RNA Isolation and Real-Time Quantitative RT-PCR
EBs were rinsed in PBS and harvested via trypsinization in case of attached cultures. Total cellular RNA was isolated using the PicoPure RNA Isolation Kit (Arcturus Bioscience, Inc, Mountain View, Calif) and stored at −80°C. PolyA+ RNA was converted to cDNA using the SuperScript First-Strand Synthesis System for RT-PCR (Invitrogen, Burlington, Ontario, Canada). Real-time PCR was performed using the ABI Prism 7700 sequence detection system (Applied Biosystems, Streetsville, Ontario, Canada). Mouse-specific primers for GAPDH (5′-GCA-TGG-CCT-TCC-GTG-TTC-3′, 5′-ATG-TCA-TCA-TAC-TTG-GCA-GGT-TTC-3′), smooth muscle (SM)α-actin,24 SM22α,24 myocardin (5′-CAA-ACT-GGT-GTT-TCT-TCT-CTC-AAA-CC-3′, 5′-TCG-AAG-CTG-TTG-TCT-TAA-CTC-TGA-C-3′), and brachyury (5′-AAC-GAG-ATG-ATT-GTG-ACC-AAG-AAC-3′, 5′-CAC-GAA-GTC-CAG-CAA-GAA-AGA-G-3′) were designed with Primer3 (Massachusetts Institute of Technology) to span at least 2 different exons and checked against cross homology with BLAST (National Center for Biotechnology Information). Primers for atrial natriuretic factor (ANF) were obtained from the literature.25 For detection of SM-MHC, a TaqMan Gene Expression Assay was used (Mm00443013_m1; Applied Biosystems). Each reaction mixture consisted of first-strand cDNA template, 50 nmol/L primer pair or 1.25 μL of primer-probe, and 12.5 μL of SYBR Green or TaqMan master mix (Applied Biosystems) in a total 25-μL volume. The following cycling conditions were used: 95°C for 10 minutes, followed by 50 cycles of 95°C for 15 seconds and 60°C for 60 seconds (or 58°C for myocardin, brachyury, and ANF). Subsequently, each sample underwent dissociation curve analysis to examine primer-target specificity. Representative PCR products were size analyzed on agarose gel.

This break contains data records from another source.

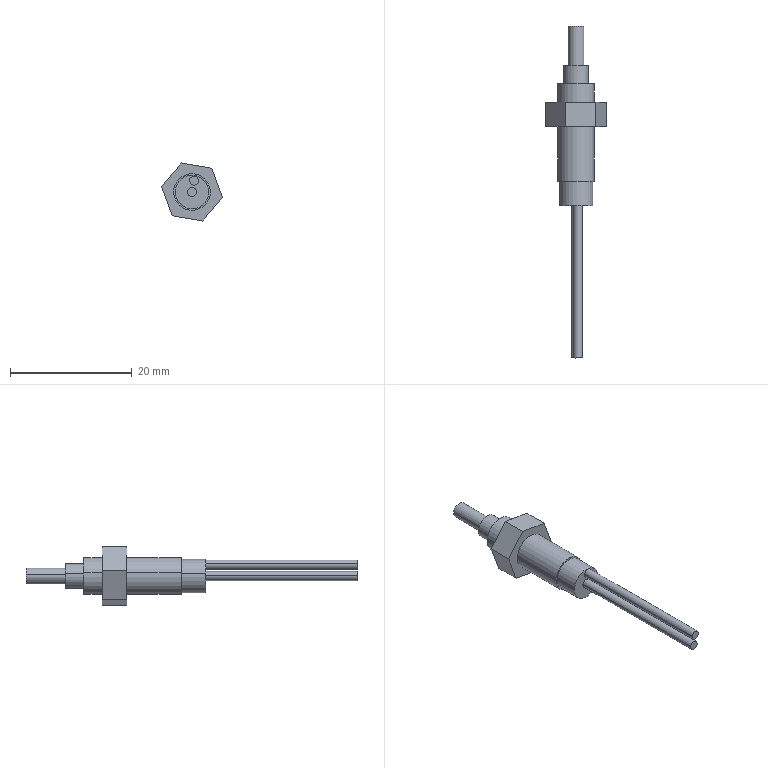Component | SolidWorks | 610FiberOptic-1 | 1 solid | 29 faces | box 10.01 x 54.5 x 9.54 mm | volume 863 mm3 | plane 15 | cylinder 14 | commonest cylinder face diameters 1.5 x4 6 x4 5.5 x2 4 x2 2.6 x2
build123d program:
from build123d import *

# Parameters (mm, degrees)
SKETCH1_R           = 3
BOSS_EXTRUDE1_DEPTH = 20
SKETCH2_R           = 2
BOSS_EXTRUDE2_DEPTH = 3
SKETCH3_R           = 0.75
BOSS_EXTRUDE3_DEPTH = 25
BOSS_EXTRUDE4_DEPTH = 4
SKETCH5_R           = 1.3
BOSS_EXTRUDE5_DEPTH = 11
CUT_EXTRUDE1_START  = -4
SKETCH6_R           = 3
SKETCH6_R_2         = 2.75
CUT_EXTRUDE1_DEPTH  = 4
CUT_EXTRUDE2_START  = -4.5
SKETCH7_R           = 1.3
CUT_EXTRUDE2_DEPTH  = 4.5


with BuildPart() as part:
    # Sketch1 → Boss-Extrude1 (new body)
    with BuildSketch(Plane.XY):
        Circle(SKETCH1_R)
    extrude(amount=BOSS_EXTRUDE1_DEPTH)

    # Sketch2 → Boss-Extrude2 (add)
    with BuildSketch(Plane(origin=(0, 0, 0), x_dir=(-1, 0, 0), z_dir=(0, 0, -1))):
        with Locations(Location((0, 0, 0), (0, 0, 180))):
            Circle(SKETCH2_R)
    extrude(amount=BOSS_EXTRUDE2_DEPTH)

    # Sketch3 → Boss-Extrude3 (add)
    with BuildSketch(Plane.XY.offset(20)):
        with Locations((0, 1.9)):
            Circle(SKETCH3_R)
        Circle(SKETCH3_R)
    extrude(amount=BOSS_EXTRUDE3_DEPTH)

    # Sketch4 → Boss-Extrude4 (add)
    with BuildSketch(Plane(origin=(0, 0, 3), x_dir=(-1, 0, 0), z_dir=(0, 0, -1))):
        Polygon((2.54, 4.4), (-2.54, 4.4), (-5.081, 0), (-2.54, -4.4), (2.54, -4.4), (5.081, 0), align=None)
    extrude(amount=-BOSS_EXTRUDE4_DEPTH)

    # Sketch5 → Boss-Extrude5 (add)
    with BuildSketch(Plane(origin=(0, 0, -3), x_dir=(-1, 0, 0), z_dir=(0, 0, -1))):
        Circle(SKETCH5_R)
    extrude(amount=BOSS_EXTRUDE5_DEPTH)

    # Sketch6 → Cut-Extrude1 (cut)
    with BuildSketch(Plane.XY.offset(20).offset(CUT_EXTRUDE1_START)):
        with Locations(Location((0, 0, 0), (0, 0, 180))):
            Circle(SKETCH6_R)
        Circle(SKETCH6_R_2, mode=Mode.SUBTRACT)
    extrude(amount=CUT_EXTRUDE1_DEPTH, mode=Mode.SUBTRACT)

    # Sketch7 → Cut-Extrude2 (cut)
    with BuildSketch(Plane(origin=(0, 0, -14), x_dir=(-1, 0, 0), z_dir=(0, 0, -1)).offset(CUT_EXTRUDE2_START)):
        Circle(SKETCH7_R)
    extrude(amount=CUT_EXTRUDE2_DEPTH, mode=Mode.SUBTRACT)


solid = part.part

# Placed as in the assembly
solid = solid.moved(Location((-18.365, -4.305, 118.579), (90, 0, -9.806)))
STEP:
#1=CARTESIAN_POINT('',(-0.6939,-1.941,4.663));
#2=VERTEX_POINT('',#1);
#3=CARTESIAN_POINT('',(-0.7521,-1.941,4.673));
#4=VERTEX_POINT('',#3);
#5=CARTESIAN_POINT('',(-0.723,-1.941,4.668));
#6=DIRECTION('',(-0.,-1.,-0.));
#7=DIRECTION('',(0.9854,0.,-0.1703));
#8=AXIS2_PLACEMENT_3D('',#5,#6,#7);
#9=CIRCLE('',#8,0.02953);
#10=EDGE_CURVE('',#2,#4,#9,.T.);
#11=ORIENTED_EDGE('',*,*,#10,.F.);
#12=CARTESIAN_POINT('',(-0.6939,-0.9569,4.663));
#13=VERTEX_POINT('',#12);
#14=CARTESIAN_POINT('',(-0.6939,-1.941,4.663));
#15=DIRECTION('',(0.,1.,0.));
#16=VECTOR('',#15,39.37);
#17=LINE('',#14,#16);
#18=EDGE_CURVE('',#2,#13,#17,.T.);
#19=ORIENTED_EDGE('',*,*,#18,.T.);
#20=CARTESIAN_POINT('',(-0.7521,-0.9569,4.673));
#21=VERTEX_POINT('',#20);
#22=CARTESIAN_POINT('',(-0.723,-0.9569,4.668));
#23=DIRECTION('',(-0.,-1.,-0.));
#24=DIRECTION('',(0.9854,0.,-0.1703));
#25=AXIS2_PLACEMENT_3D('',#22,#23,#24);
#26=CIRCLE('',#25,0.02953);
#27=EDGE_CURVE('',#13,#21,#26,.T.);
#28=ORIENTED_EDGE('',*,*,#27,.T.);
#29=CARTESIAN_POINT('',(-0.7521,-1.941,4.673));
#30=DIRECTION('',(0.,1.,0.));
#31=VECTOR('',#30,39.37);
#32=LINE('',#29,#31);
#33=EDGE_CURVE('',#4,#21,#32,.T.);
#34=ORIENTED_EDGE('',*,*,#33,.F.);
#35=EDGE_LOOP('',(#11,#19,#28,#34));
#36=FACE_OUTER_BOUND('',#35,.T.);
#37=CARTESIAN_POINT('',(-0.723,-1.941,4.668));
#38=DIRECTION('',(0.,1.,0.));
#39=DIRECTION('',(-0.9854,0.,0.1703));
#40=AXIS2_PLACEMENT_3D('',#37,#38,#39);
#41=CYLINDRICAL_SURFACE('',#40,0.02953);
#42=ADVANCED_FACE('',(#36),#41,.T.);
#43=CARTESIAN_POINT('',(-0.6812,-1.941,4.737));
#44=VERTEX_POINT('',#43);
#45=CARTESIAN_POINT('',(-0.7394,-1.941,4.747));
#46=VERTEX_POINT('',#45);
#47=CARTESIAN_POINT('',(-0.7103,-1.941,4.742));
#48=DIRECTION('',(-0.,-1.,-0.));
#49=DIRECTION('',(0.9854,0.,-0.1703));
#50=AXIS2_PLACEMENT_3D('',#47,#48,#49);
#51=CIRCLE('',#50,0.02953);
#52=EDGE_CURVE('',#44,#46,#51,.T.);
#53=ORIENTED_EDGE('',*,*,#52,.F.);
#54=CARTESIAN_POINT('',(-0.6812,-0.9569,4.737));
#55=VERTEX_POINT('',#54);
#56=CARTESIAN_POINT('',(-0.6812,-1.941,4.737));
#57=DIRECTION('',(0.,1.,0.));
#58=VECTOR('',#57,39.37);
#59=LINE('',#56,#58);
#60=EDGE_CURVE('',#44,#55,#59,.T.);
#61=ORIENTED_EDGE('',*,*,#60,.T.);
#62=CARTESIAN_POINT('',(-0.7394,-0.9569,4.747));
#63=VERTEX_POINT('',#62);
#64=CARTESIAN_POINT('',(-0.7103,-0.9569,4.742));
#65=DIRECTION('',(-0.,-1.,-0.));
#66=DIRECTION('',(0.9854,0.,-0.1703));
#67=AXIS2_PLACEMENT_3D('',#64,#65,#66);
#68=CIRCLE('',#67,0.02953);
#69=EDGE_CURVE('',#55,#63,#68,.T.);
#70=ORIENTED_EDGE('',*,*,#69,.T.);
#71=CARTESIAN_POINT('',(-0.7394,-1.941,4.747));
#72=DIRECTION('',(0.,1.,0.));
#73=VECTOR('',#72,39.37);
#74=LINE('',#71,#73);
#75=EDGE_CURVE('',#46,#63,#74,.T.);
#76=ORIENTED_EDGE('',*,*,#75,.F.);
#77=EDGE_LOOP('',(#53,#61,#70,#76));
#78=FACE_OUTER_BOUND('',#77,.T.);
#79=CARTESIAN_POINT('',(-0.7103,-1.941,4.742));
#80=DIRECTION('',(0.,1.,0.));
#81=DIRECTION('',(-0.9854,0.,0.1703));
#82=AXIS2_PLACEMENT_3D('',#79,#80,#81);
#83=CYLINDRICAL_SURFACE('',#82,0.02953);
#84=ADVANCED_FACE('',(#78),#83,.T.);
#85=CARTESIAN_POINT('',(-0.6163,-0.7994,4.65));
#86=VERTEX_POINT('',#85);
#87=CARTESIAN_POINT('',(-0.8297,-0.7994,4.687));
#88=VERTEX_POINT('',#87);
#89=CARTESIAN_POINT('',(-0.723,-0.7994,4.668));
#90=DIRECTION('',(-0.,-1.,-0.));
#91=DIRECTION('',(0.9854,0.,-0.1703));
#92=AXIS2_PLACEMENT_3D('',#89,#90,#91);
#93=CIRCLE('',#92,0.1083);
#94=EDGE_CURVE('',#86,#88,#93,.T.);
#95=ORIENTED_EDGE('',*,*,#94,.T.);
#96=CARTESIAN_POINT('',(-0.8297,-0.9569,4.687));
#97=VERTEX_POINT('',#96);
#98=CARTESIAN_POINT('',(-0.8297,-0.7994,4.687));
#99=DIRECTION('',(-0.,-1.,-0.));
#100=VECTOR('',#99,39.37);
#101=LINE('',#98,#100);
#102=EDGE_CURVE('',#88,#97,#101,.T.);
#103=ORIENTED_EDGE('',*,*,#102,.T.);
#104=CARTESIAN_POINT('',(-0.6163,-0.9569,4.65));
#105=VERTEX_POINT('',#104);
#106=CARTESIAN_POINT('',(-0.723,-0.9569,4.668));
#107=DIRECTION('',(-0.,-1.,-0.));
#108=DIRECTION('',(0.9854,0.,-0.1703));
#109=AXIS2_PLACEMENT_3D('',#106,#107,#108);
#110=CIRCLE('',#109,0.1083);
#111=EDGE_CURVE('',#105,#97,#110,.T.);
#112=ORIENTED_EDGE('',*,*,#111,.F.);
#113=CARTESIAN_POINT('',(-0.6163,-0.7994,4.65));
#114=DIRECTION('',(-0.,-1.,-0.));
#115=VECTOR('',#114,39.37);
#116=LINE('',#113,#115);
#117=EDGE_CURVE('',#86,#105,#116,.T.);
#118=ORIENTED_EDGE('',*,*,#117,.F.);
#119=EDGE_LOOP('',(#95,#103,#112,#118));
#120=FACE_OUTER_BOUND('',#119,.T.);
#121=CARTESIAN_POINT('',(-0.723,-0.7994,4.668));
#122=DIRECTION('',(-0.,-1.,-0.));
#123=DIRECTION('',(0.9854,0.,-0.1703));
#124=AXIS2_PLACEMENT_3D('',#121,#122,#123);
#125=CYLINDRICAL_SURFACE('',#124,0.1083);
#126=ADVANCED_FACE('',(#120),#125,.T.);
#127=CARTESIAN_POINT('',(-0.8394,-0.2876,4.689));
#128=VERTEX_POINT('',#127);
#129=CARTESIAN_POINT('',(-0.6067,-0.2876,4.648));
#130=VERTEX_POINT('',#129);
#131=CARTESIAN_POINT('',(-0.723,-0.2876,4.668));
#132=DIRECTION('',(0.,1.,0.));
#133=DIRECTION('',(-0.9854,0.,0.1703));
#134=AXIS2_PLACEMENT_3D('',#131,#132,#133);
#135=CIRCLE('',#134,0.1181);
#136=EDGE_CURVE('',#128,#130,#135,.T.);
#137=ORIENTED_EDGE('',*,*,#136,.T.);
#138=CARTESIAN_POINT('',(-0.6067,-0.1695,4.648));
#139=VERTEX_POINT('',#138);
#140=CARTESIAN_POINT('',(-0.6067,-0.9569,4.648));
#141=DIRECTION('',(0.,1.,0.));
#142=VECTOR('',#141,39.37);
#143=LINE('',#140,#142);
#144=EDGE_CURVE('',#130,#139,#143,.T.);
#145=ORIENTED_EDGE('',*,*,#144,.T.);
#146=CARTESIAN_POINT('',(-0.8394,-0.1695,4.689));
#147=VERTEX_POINT('',#146);
#148=CARTESIAN_POINT('',(-0.723,-0.1695,4.668));
#149=DIRECTION('',(-0.,-1.,-0.));
#150=DIRECTION('',(0.9854,0.,-0.1703));
#151=AXIS2_PLACEMENT_3D('',#148,#149,#150);
#152=CIRCLE('',#151,0.1181);
#153=EDGE_CURVE('',#139,#147,#152,.T.);
#154=ORIENTED_EDGE('',*,*,#153,.T.);
#155=CARTESIAN_POINT('',(-0.8394,-0.9569,4.689));
#156=DIRECTION('',(0.,1.,0.));
#157=VECTOR('',#156,39.37);
#158=LINE('',#155,#157);
#159=EDGE_CURVE('',#128,#147,#158,.T.);
#160=ORIENTED_EDGE('',*,*,#159,.F.);
#161=EDGE_LOOP('',(#137,#145,#154,#160));
#162=FACE_OUTER_BOUND('',#161,.T.);
#163=CARTESIAN_POINT('',(-0.723,-0.9569,4.668));
#164=DIRECTION('',(0.,1.,0.));
#165=DIRECTION('',(-0.9854,0.,0.1703));
#166=AXIS2_PLACEMENT_3D('',#163,#164,#165);
#167=CYLINDRICAL_SURFACE('',#166,0.1181);
#168=ADVANCED_FACE('',(#162),#167,.T.);
#169=CARTESIAN_POINT('',(-0.8006,-0.05139,4.682));
#170=VERTEX_POINT('',#169);
#171=CARTESIAN_POINT('',(-0.6454,-0.05139,4.655));
#172=VERTEX_POINT('',#171);
#173=CARTESIAN_POINT('',(-0.723,-0.05139,4.668));
#174=DIRECTION('',(0.,1.,0.));
#175=DIRECTION('',(-0.9854,0.,0.1703));
#176=AXIS2_PLACEMENT_3D('',#173,#174,#175);
#177=CIRCLE('',#176,0.07874);
#178=EDGE_CURVE('',#170,#172,#177,.T.);
#179=ORIENTED_EDGE('',*,*,#178,.F.);
#180=CARTESIAN_POINT('',(-0.8006,-0.1695,4.682));
#181=VERTEX_POINT('',#180);
#182=CARTESIAN_POINT('',(-0.8006,-0.05139,4.682));
#183=DIRECTION('',(-0.,-1.,-0.));
#184=VECTOR('',#183,39.37);
#185=LINE('',#182,#184);
#186=EDGE_CURVE('',#170,#181,#185,.T.);
#187=ORIENTED_EDGE('',*,*,#186,.T.);
#188=CARTESIAN_POINT('',(-0.6454,-0.1695,4.655));
#189=VERTEX_POINT('',#188);
#190=CARTESIAN_POINT('',(-0.723,-0.1695,4.668));
#191=DIRECTION('',(0.,1.,0.));
#192=DIRECTION('',(0.9854,0.,-0.1703));
#193=AXIS2_PLACEMENT_3D('',#190,#191,#192);
#194=CIRCLE('',#193,0.07874);
#195=EDGE_CURVE('',#181,#189,#194,.T.);
#196=ORIENTED_EDGE('',*,*,#195,.T.);
#197=CARTESIAN_POINT('',(-0.6454,-0.05139,4.655));
#198=DIRECTION('',(-0.,-1.,-0.));
#199=VECTOR('',#198,39.37);
#200=LINE('',#197,#199);
#201=EDGE_CURVE('',#172,#189,#200,.T.);
#202=ORIENTED_EDGE('',*,*,#201,.F.);
#203=EDGE_LOOP('',(#179,#187,#196,#202));
#204=FACE_OUTER_BOUND('',#203,.T.);
#205=CARTESIAN_POINT('',(-0.723,-0.05139,4.668));
#206=DIRECTION('',(-0.,-1.,-0.));
#207=DIRECTION('',(0.9854,0.,-0.1703));
#208=AXIS2_PLACEMENT_3D('',#205,#206,#207);
#209=CYLINDRICAL_SURFACE('',#208,0.07874);
#210=ADVANCED_FACE('',(#204),#209,.T.);
#211=CARTESIAN_POINT('',(-0.6067,-0.7994,4.648));
#212=VERTEX_POINT('',#211);
#213=CARTESIAN_POINT('',(-0.8394,-0.7994,4.689));
#214=VERTEX_POINT('',#213);
#215=CARTESIAN_POINT('',(-0.723,-0.7994,4.668));
#216=DIRECTION('',(-0.,-1.,-0.));
#217=DIRECTION('',(0.9854,0.,-0.1703));
#218=AXIS2_PLACEMENT_3D('',#215,#216,#217);
#219=CIRCLE('',#218,0.1181);
#220=EDGE_CURVE('',#212,#214,#219,.T.);
#221=ORIENTED_EDGE('',*,*,#220,.F.);
#222=CARTESIAN_POINT('',(-0.6067,-0.4451,4.648));
#223=VERTEX_POINT('',#222);
#224=CARTESIAN_POINT('',(-0.6067,-0.9569,4.648));
#225=DIRECTION('',(0.,1.,0.));
#226=VECTOR('',#225,39.37);
#227=LINE('',#224,#226);
#228=EDGE_CURVE('',#212,#223,#227,.T.);
#229=ORIENTED_EDGE('',*,*,#228,.T.);
#230=CARTESIAN_POINT('',(-0.8394,-0.4451,4.689));
#231=VERTEX_POINT('',#230);
#232=CARTESIAN_POINT('',(-0.723,-0.4451,4.668));
#233=DIRECTION('',(0.,1.,0.));
#234=DIRECTION('',(-0.9854,0.,0.1703));
#235=AXIS2_PLACEMENT_3D('',#232,#233,#234);
#236=CIRCLE('',#235,0.1181);
#237=EDGE_CURVE('',#231,#223,#236,.T.);
#238=ORIENTED_EDGE('',*,*,#237,.F.);
#239=CARTESIAN_POINT('',(-0.8394,-0.9569,4.689));
#240=DIRECTION('',(0.,1.,0.));
#241=VECTOR('',#240,39.37);
#242=LINE('',#239,#241);
#243=EDGE_CURVE('',#214,#231,#242,.T.);
#244=ORIENTED_EDGE('',*,*,#243,.F.);
#245=EDGE_LOOP('',(#221,#229,#238,#244));
#246=FACE_OUTER_BOUND('',#245,.T.);
#247=CARTESIAN_POINT('',(-0.723,-0.9569,4.668));
#248=DIRECTION('',(0.,1.,0.));
#249=DIRECTION('',(-0.9854,0.,0.1703));
#250=AXIS2_PLACEMENT_3D('',#247,#248,#249);
#251=CYLINDRICAL_SURFACE('',#250,0.1181);
#252=ADVANCED_FACE('',(#246),#251,.T.);
#253=CARTESIAN_POINT('',(-0.7735,0.2045,4.677));
#254=VERTEX_POINT('',#253);
#255=CARTESIAN_POINT('',(-0.6726,0.2045,4.66));
#256=VERTEX_POINT('',#255);
#257=CARTESIAN_POINT('',(-0.723,0.2045,4.668));
#258=DIRECTION('',(0.,1.,0.));
#259=DIRECTION('',(-0.9854,0.,0.1703));
#260=AXIS2_PLACEMENT_3D('',#257,#258,#259);
#261=CIRCLE('',#260,0.05118);
#262=EDGE_CURVE('',#254,#256,#261,.T.);
#263=ORIENTED_EDGE('',*,*,#262,.F.);
#264=CARTESIAN_POINT('',(-0.7735,-0.05139,4.677));
#265=VERTEX_POINT('',#264);
#266=CARTESIAN_POINT('',(-0.7735,0.3817,4.677));
#267=DIRECTION('',(-0.,-1.,-0.));
#268=VECTOR('',#267,39.37);
#269=LINE('',#266,#268);
#270=EDGE_CURVE('',#254,#265,#269,.T.);
#271=ORIENTED_EDGE('',*,*,#270,.T.);
#272=CARTESIAN_POINT('',(-0.6726,-0.05139,4.66));
#273=VERTEX_POINT('',#272);
#274=CARTESIAN_POINT('',(-0.723,-0.05139,4.668));
#275=DIRECTION('',(0.,1.,0.));
#276=DIRECTION('',(-0.9854,0.,0.1703));
#277=AXIS2_PLACEMENT_3D('',#274,#275,#276);
#278=CIRCLE('',#277,0.05118);
#279=EDGE_CURVE('',#265,#273,#278,.T.);
#280=ORIENTED_EDGE('',*,*,#279,.T.);
#281=CARTESIAN_POINT('',(-0.6726,0.3817,4.66));
#282=DIRECTION('',(-0.,-1.,-0.));
#283=VECTOR('',#282,39.37);
#284=LINE('',#281,#283);
#285=EDGE_CURVE('',#256,#273,#284,.T.);
#286=ORIENTED_EDGE('',*,*,#285,.F.);
#287=EDGE_LOOP('',(#263,#271,#280,#286));
#288=FACE_OUTER_BOUND('',#287,.T.);
#289=CARTESIAN_POINT('',(-0.723,0.3817,4.668));
#290=DIRECTION('',(-0.,-1.,-0.));
#291=DIRECTION('',(0.9854,0.,-0.1703));
#292=AXIS2_PLACEMENT_3D('',#289,#290,#291);
#293=CYLINDRICAL_SURFACE('',#292,0.05118);
#294=ADVANCED_FACE('',(#288),#293,.T.);
#295=ORIENTED_EDGE('',*,*,#270,.F.);
#296=CARTESIAN_POINT('',(-0.723,0.2045,4.668));
#297=DIRECTION('',(0.,1.,0.));
#298=DIRECTION('',(-0.9854,0.,0.1703));
#299=AXIS2_PLACEMENT_3D('',#296,#297,#298);
#300=CIRCLE('',#299,0.05118);
#301=EDGE_CURVE('',#256,#254,#300,.T.);
#302=ORIENTED_EDGE('',*,*,#301,.F.);
#303=ORIENTED_EDGE('',*,*,#285,.T.);
#304=CARTESIAN_POINT('',(-0.723,-0.05139,4.668));
#305=DIRECTION('',(0.,1.,0.));
#306=DIRECTION('',(-0.9854,0.,0.1703));
#307=AXIS2_PLACEMENT_3D('',#304,#305,#306);
#308=CIRCLE('',#307,0.05118);
#309=EDGE_CURVE('',#273,#265,#308,.T.);
#310=ORIENTED_EDGE('',*,*,#309,.T.);
#311=EDGE_LOOP('',(#295,#302,#303,#310));
#312=FACE_OUTER_BOUND('',#311,.T.);
#313=CARTESIAN_POINT('',(-0.723,0.3817,4.668));
#314=DIRECTION('',(-0.,-1.,-0.));
#315=DIRECTION('',(0.9854,0.,-0.1703));
#316=AXIS2_PLACEMENT_3D('',#313,#314,#315);
#317=CYLINDRICAL_SURFACE('',#316,0.05118);
#318=ADVANCED_FACE('',(#312),#317,.T.);
#319=ORIENTED_EDGE('',*,*,#228,.F.);
#320=CARTESIAN_POINT('',(-0.723,-0.7994,4.668));
#321=DIRECTION('',(-0.,-1.,-0.));
#322=DIRECTION('',(0.9854,0.,-0.1703));
#323=AXIS2_PLACEMENT_3D('',#320,#321,#322);
#324=CIRCLE('',#323,0.1181);
#325=EDGE_CURVE('',#214,#212,#324,.T.);
#326=ORIENTED_EDGE('',*,*,#325,.F.);
#327=ORIENTED_EDGE('',*,*,#243,.T.);
#328=CARTESIAN_POINT('',(-0.723,-0.4451,4.668));
#329=DIRECTION('',(0.,1.,0.));
#330=DIRECTION('',(-0.9854,0.,0.1703));
#331=AXIS2_PLACEMENT_3D('',#328,#329,#330);
#332=CIRCLE('',#331,0.1181);
#333=EDGE_CURVE('',#223,#231,#332,.T.);
#334=ORIENTED_EDGE('',*,*,#333,.F.);
#335=EDGE_LOOP('',(#319,#326,#327,#334));
#336=FACE_OUTER_BOUND('',#335,.T.);
#337=CARTESIAN_POINT('',(-0.723,-0.9569,4.668));
#338=DIRECTION('',(0.,1.,0.));
#339=DIRECTION('',(-0.9854,0.,0.1703));
#340=AXIS2_PLACEMENT_3D('',#337,#338,#339);
#341=CYLINDRICAL_SURFACE('',#340,0.1181);
#342=ADVANCED_FACE('',(#336),#341,.T.);
#343=CARTESIAN_POINT('',(-0.723,-0.05139,4.668));
#344=DIRECTION('',(0.,1.,0.));
#345=DIRECTION('',(-0.9854,0.,0.1703));
#346=AXIS2_PLACEMENT_3D('',#343,#344,#345);
#347=CIRCLE('',#346,0.07874);
#348=EDGE_CURVE('',#172,#170,#347,.T.);
#349=ORIENTED_EDGE('',*,*,#348,.T.);
#350=ORIENTED_EDGE('',*,*,#178,.T.);
#351=EDGE_LOOP('',(#349,#350));
#352=FACE_OUTER_BOUND('',#351,.T.);
#353=ORIENTED_EDGE('',*,*,#309,.F.);
#354=ORIENTED_EDGE('',*,*,#279,.F.);
#355=EDGE_LOOP('',(#353,#354));
#356=FACE_BOUND('',#355,.T.);
#357=CARTESIAN_POINT('',(-0.723,-0.05139,4.668));
#358=DIRECTION('',(0.,1.,0.));
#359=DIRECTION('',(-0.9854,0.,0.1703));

Fluorescence-Activated Cell-Sorting Analysis
Day 18 EBs were dissociated to single-cell suspension using trypsin (0.25%) with gentle agitation, followed by mechanical shearing through a 20-gauge needle. Subsequently, cells were fixed with 4% paraformaldehyde, permeabilized with 0.2% Triton X-100 in 2% FBS/PBS, and stained with monoclonal mouse anti–SMα actin–Cy3 antibody (1:200; Sigma-Aldrich) for 30 minutes at room temperature, followed by flow cytometric analysis using MoFlo High Performance Cell Sorter (Dako Cytomation, Mississauga, Ontario, Canada).
Chimera Generation
A linearized construct composed of chicken β-actin promoter-driven β-galactosidase (β-gal) transgene with nuclear-localizing signal was coelectroporated with supercoiled phosphoglycerate kinase promoter–puromycin construct into c-myb−/− ESCs. Clones exhibiting 5-bromo-4-chloro-3-indolyl β-D-galactoside (X-gal) staining at ESC stage were put through the EB differentiation assay to select those with ubiquitous β-gal expression. Four such clones were tested for their ability to generate SMC contractions, which was found lacking, similar to parental ESCs. The clone with consistently high β-gal activity was subsequently used for in vivo analysis. Outbred, wild-type (WT) ICR 8 cell stage embryos were used as hosts for diploid aggregations with c-myb−/−(NLS-β-gal+) ESCs. Aggregates were cultured overnight and transferred into pseudopregnant females. E11.5 embryos were dissected out, and those exhibiting black eyes, indicative of chimerism, were used for further analyses. Alternatively, c-myb−/− ESCs were injected into WT C57BL/6 blastocysts and allowed to reach full term. Adult chimeras, 12 to 18 weeks of age, were assessed for extent of agouti coat color.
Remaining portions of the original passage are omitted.